Monday, January 21, 2013

Benford’s Law becomes more clear

You remember Benford’s Law?  Wolfram sums it up:

Benford's law states that in listings, tables of statistics, etc., the digit 1 tends to occur with probability ~30%, much greater than the expected 11.1% (i.e., one digit out of 9).

I think Wolfram meant to add that the law applies to the leading digits of the figures you’re using. In any case, the law applies when you have a large sample of “real” data, as opposed to computer-generated random numbers, and so it’s useful to forensic accountants trying to detect fraud (or so I hear). 

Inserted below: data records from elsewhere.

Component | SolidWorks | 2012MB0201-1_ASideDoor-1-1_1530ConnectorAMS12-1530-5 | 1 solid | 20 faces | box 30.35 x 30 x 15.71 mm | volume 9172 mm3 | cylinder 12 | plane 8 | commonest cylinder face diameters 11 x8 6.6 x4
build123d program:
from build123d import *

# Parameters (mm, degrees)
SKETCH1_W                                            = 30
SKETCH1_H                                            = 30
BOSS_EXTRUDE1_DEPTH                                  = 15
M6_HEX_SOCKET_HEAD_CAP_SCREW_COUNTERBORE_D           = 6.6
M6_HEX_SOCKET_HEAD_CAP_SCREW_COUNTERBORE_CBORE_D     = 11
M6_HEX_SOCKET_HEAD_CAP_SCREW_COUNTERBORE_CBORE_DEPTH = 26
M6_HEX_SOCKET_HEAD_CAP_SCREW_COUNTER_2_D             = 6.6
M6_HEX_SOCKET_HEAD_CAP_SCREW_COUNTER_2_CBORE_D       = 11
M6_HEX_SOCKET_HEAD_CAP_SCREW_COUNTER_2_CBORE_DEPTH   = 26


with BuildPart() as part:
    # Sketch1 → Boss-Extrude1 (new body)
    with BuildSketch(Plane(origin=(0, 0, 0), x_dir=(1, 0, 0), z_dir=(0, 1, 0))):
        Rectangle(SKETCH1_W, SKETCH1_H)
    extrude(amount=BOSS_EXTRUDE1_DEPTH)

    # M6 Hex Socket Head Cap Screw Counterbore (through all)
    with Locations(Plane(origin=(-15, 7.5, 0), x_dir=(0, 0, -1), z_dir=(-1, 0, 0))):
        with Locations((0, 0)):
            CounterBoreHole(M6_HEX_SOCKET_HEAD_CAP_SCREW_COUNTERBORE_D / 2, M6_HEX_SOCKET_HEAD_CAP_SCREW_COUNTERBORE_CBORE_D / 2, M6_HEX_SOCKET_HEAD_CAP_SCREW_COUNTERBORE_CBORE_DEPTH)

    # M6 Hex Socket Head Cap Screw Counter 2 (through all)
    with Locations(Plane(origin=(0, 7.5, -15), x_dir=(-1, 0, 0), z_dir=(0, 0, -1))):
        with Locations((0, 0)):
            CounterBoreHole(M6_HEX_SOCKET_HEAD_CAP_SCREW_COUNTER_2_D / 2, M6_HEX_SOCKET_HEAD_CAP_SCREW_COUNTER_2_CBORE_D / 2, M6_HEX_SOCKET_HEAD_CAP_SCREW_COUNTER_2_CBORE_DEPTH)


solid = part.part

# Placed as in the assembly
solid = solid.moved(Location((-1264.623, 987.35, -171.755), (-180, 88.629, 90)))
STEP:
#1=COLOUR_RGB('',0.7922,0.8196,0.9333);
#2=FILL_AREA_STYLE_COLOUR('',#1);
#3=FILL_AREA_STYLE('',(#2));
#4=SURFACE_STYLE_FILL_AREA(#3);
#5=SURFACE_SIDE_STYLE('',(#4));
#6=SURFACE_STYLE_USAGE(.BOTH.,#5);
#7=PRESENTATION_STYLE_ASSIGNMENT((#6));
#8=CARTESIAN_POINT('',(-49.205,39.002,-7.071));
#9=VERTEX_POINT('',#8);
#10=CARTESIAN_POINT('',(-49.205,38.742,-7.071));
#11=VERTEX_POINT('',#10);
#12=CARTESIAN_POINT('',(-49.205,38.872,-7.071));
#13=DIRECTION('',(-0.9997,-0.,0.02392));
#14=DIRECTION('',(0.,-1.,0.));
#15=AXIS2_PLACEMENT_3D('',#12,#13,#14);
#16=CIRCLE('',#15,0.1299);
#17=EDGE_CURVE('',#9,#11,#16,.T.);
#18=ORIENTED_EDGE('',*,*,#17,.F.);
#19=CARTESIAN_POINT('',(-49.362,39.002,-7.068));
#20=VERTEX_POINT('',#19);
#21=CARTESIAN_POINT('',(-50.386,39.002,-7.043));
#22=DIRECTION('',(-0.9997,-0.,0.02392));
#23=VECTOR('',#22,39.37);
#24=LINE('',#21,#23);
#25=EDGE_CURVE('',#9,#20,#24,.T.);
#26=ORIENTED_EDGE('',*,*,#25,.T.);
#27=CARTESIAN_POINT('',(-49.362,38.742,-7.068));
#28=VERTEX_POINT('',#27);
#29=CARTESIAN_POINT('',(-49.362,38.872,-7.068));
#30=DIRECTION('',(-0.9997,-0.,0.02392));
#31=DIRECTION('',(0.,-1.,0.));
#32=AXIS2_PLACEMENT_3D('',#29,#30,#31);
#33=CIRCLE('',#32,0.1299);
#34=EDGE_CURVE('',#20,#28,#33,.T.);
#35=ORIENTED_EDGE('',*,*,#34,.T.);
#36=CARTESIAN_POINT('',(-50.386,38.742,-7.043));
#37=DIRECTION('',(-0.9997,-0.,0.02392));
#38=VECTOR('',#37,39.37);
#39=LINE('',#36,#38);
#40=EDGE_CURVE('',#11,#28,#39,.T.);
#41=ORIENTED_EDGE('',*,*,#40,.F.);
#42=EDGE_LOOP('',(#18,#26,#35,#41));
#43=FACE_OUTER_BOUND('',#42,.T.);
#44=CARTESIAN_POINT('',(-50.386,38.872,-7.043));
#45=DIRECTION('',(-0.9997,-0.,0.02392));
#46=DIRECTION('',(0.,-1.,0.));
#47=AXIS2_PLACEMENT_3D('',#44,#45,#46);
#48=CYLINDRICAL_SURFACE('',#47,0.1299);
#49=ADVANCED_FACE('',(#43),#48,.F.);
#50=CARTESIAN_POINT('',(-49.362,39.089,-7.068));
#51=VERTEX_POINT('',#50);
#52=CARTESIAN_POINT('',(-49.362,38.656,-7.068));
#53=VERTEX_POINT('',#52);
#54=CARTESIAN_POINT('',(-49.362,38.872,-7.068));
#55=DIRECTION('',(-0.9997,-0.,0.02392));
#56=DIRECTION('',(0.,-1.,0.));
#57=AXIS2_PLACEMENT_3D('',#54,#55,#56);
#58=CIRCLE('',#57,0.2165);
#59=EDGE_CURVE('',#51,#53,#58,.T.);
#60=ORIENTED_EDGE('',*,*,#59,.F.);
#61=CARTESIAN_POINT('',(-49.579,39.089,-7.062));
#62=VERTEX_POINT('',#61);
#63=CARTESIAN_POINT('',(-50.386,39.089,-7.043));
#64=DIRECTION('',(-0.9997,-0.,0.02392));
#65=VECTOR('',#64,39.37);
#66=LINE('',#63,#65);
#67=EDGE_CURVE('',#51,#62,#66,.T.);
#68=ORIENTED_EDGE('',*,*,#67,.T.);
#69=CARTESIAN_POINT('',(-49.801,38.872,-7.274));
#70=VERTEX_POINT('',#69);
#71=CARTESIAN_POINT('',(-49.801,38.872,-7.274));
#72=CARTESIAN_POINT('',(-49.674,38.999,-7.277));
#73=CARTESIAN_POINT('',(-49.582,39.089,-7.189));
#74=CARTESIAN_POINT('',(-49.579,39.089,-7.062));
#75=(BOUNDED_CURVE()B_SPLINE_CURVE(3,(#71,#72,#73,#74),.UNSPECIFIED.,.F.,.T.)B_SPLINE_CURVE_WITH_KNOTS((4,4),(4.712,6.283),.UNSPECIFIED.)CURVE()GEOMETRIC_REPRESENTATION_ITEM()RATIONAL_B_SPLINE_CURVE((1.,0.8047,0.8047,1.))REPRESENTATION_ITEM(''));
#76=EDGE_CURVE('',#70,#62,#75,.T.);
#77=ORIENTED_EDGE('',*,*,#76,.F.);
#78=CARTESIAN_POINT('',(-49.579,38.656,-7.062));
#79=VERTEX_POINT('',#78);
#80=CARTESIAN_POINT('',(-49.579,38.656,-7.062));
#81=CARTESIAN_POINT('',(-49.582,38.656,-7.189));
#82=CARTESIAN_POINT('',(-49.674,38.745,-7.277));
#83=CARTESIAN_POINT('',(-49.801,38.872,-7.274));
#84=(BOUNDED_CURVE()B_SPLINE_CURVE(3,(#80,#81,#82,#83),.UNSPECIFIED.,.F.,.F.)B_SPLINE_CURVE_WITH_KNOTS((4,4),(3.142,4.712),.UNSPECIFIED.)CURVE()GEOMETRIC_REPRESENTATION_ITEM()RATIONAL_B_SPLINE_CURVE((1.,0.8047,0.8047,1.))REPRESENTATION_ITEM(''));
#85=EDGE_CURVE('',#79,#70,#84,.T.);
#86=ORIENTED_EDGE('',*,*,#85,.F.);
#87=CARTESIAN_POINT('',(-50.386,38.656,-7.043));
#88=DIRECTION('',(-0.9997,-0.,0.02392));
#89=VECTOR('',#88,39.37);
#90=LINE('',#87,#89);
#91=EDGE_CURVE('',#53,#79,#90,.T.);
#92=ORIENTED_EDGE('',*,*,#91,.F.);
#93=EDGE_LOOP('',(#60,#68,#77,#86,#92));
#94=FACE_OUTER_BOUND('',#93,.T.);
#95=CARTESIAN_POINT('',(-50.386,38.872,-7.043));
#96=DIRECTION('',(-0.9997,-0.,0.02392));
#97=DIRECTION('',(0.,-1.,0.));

It may seem counterintuitive (shouldn’t all digits occur with equal probability?) – but the last few minutes (start at 7:53) of this Numberphile video helped me get a grip on what’s going on:


  1. How does that compare to the first digit of the number you get when picking a point at random on a slide rule scale? -- sure, the formula was P(d) = log(1 + 1/d) = log((d+1)/d) = log(d+1) - log(d). I find that pretty intuitive. Maybe it's because I spent a lot of time with slide rules when I was in high school and college.

  2. And what about poor old zero, a fine hard-working digit? Of course it never gets to be the leading digit -- but that ought to be a tip-off that the distribution isn't going to be flat. And it's not on the slide rule scale at all.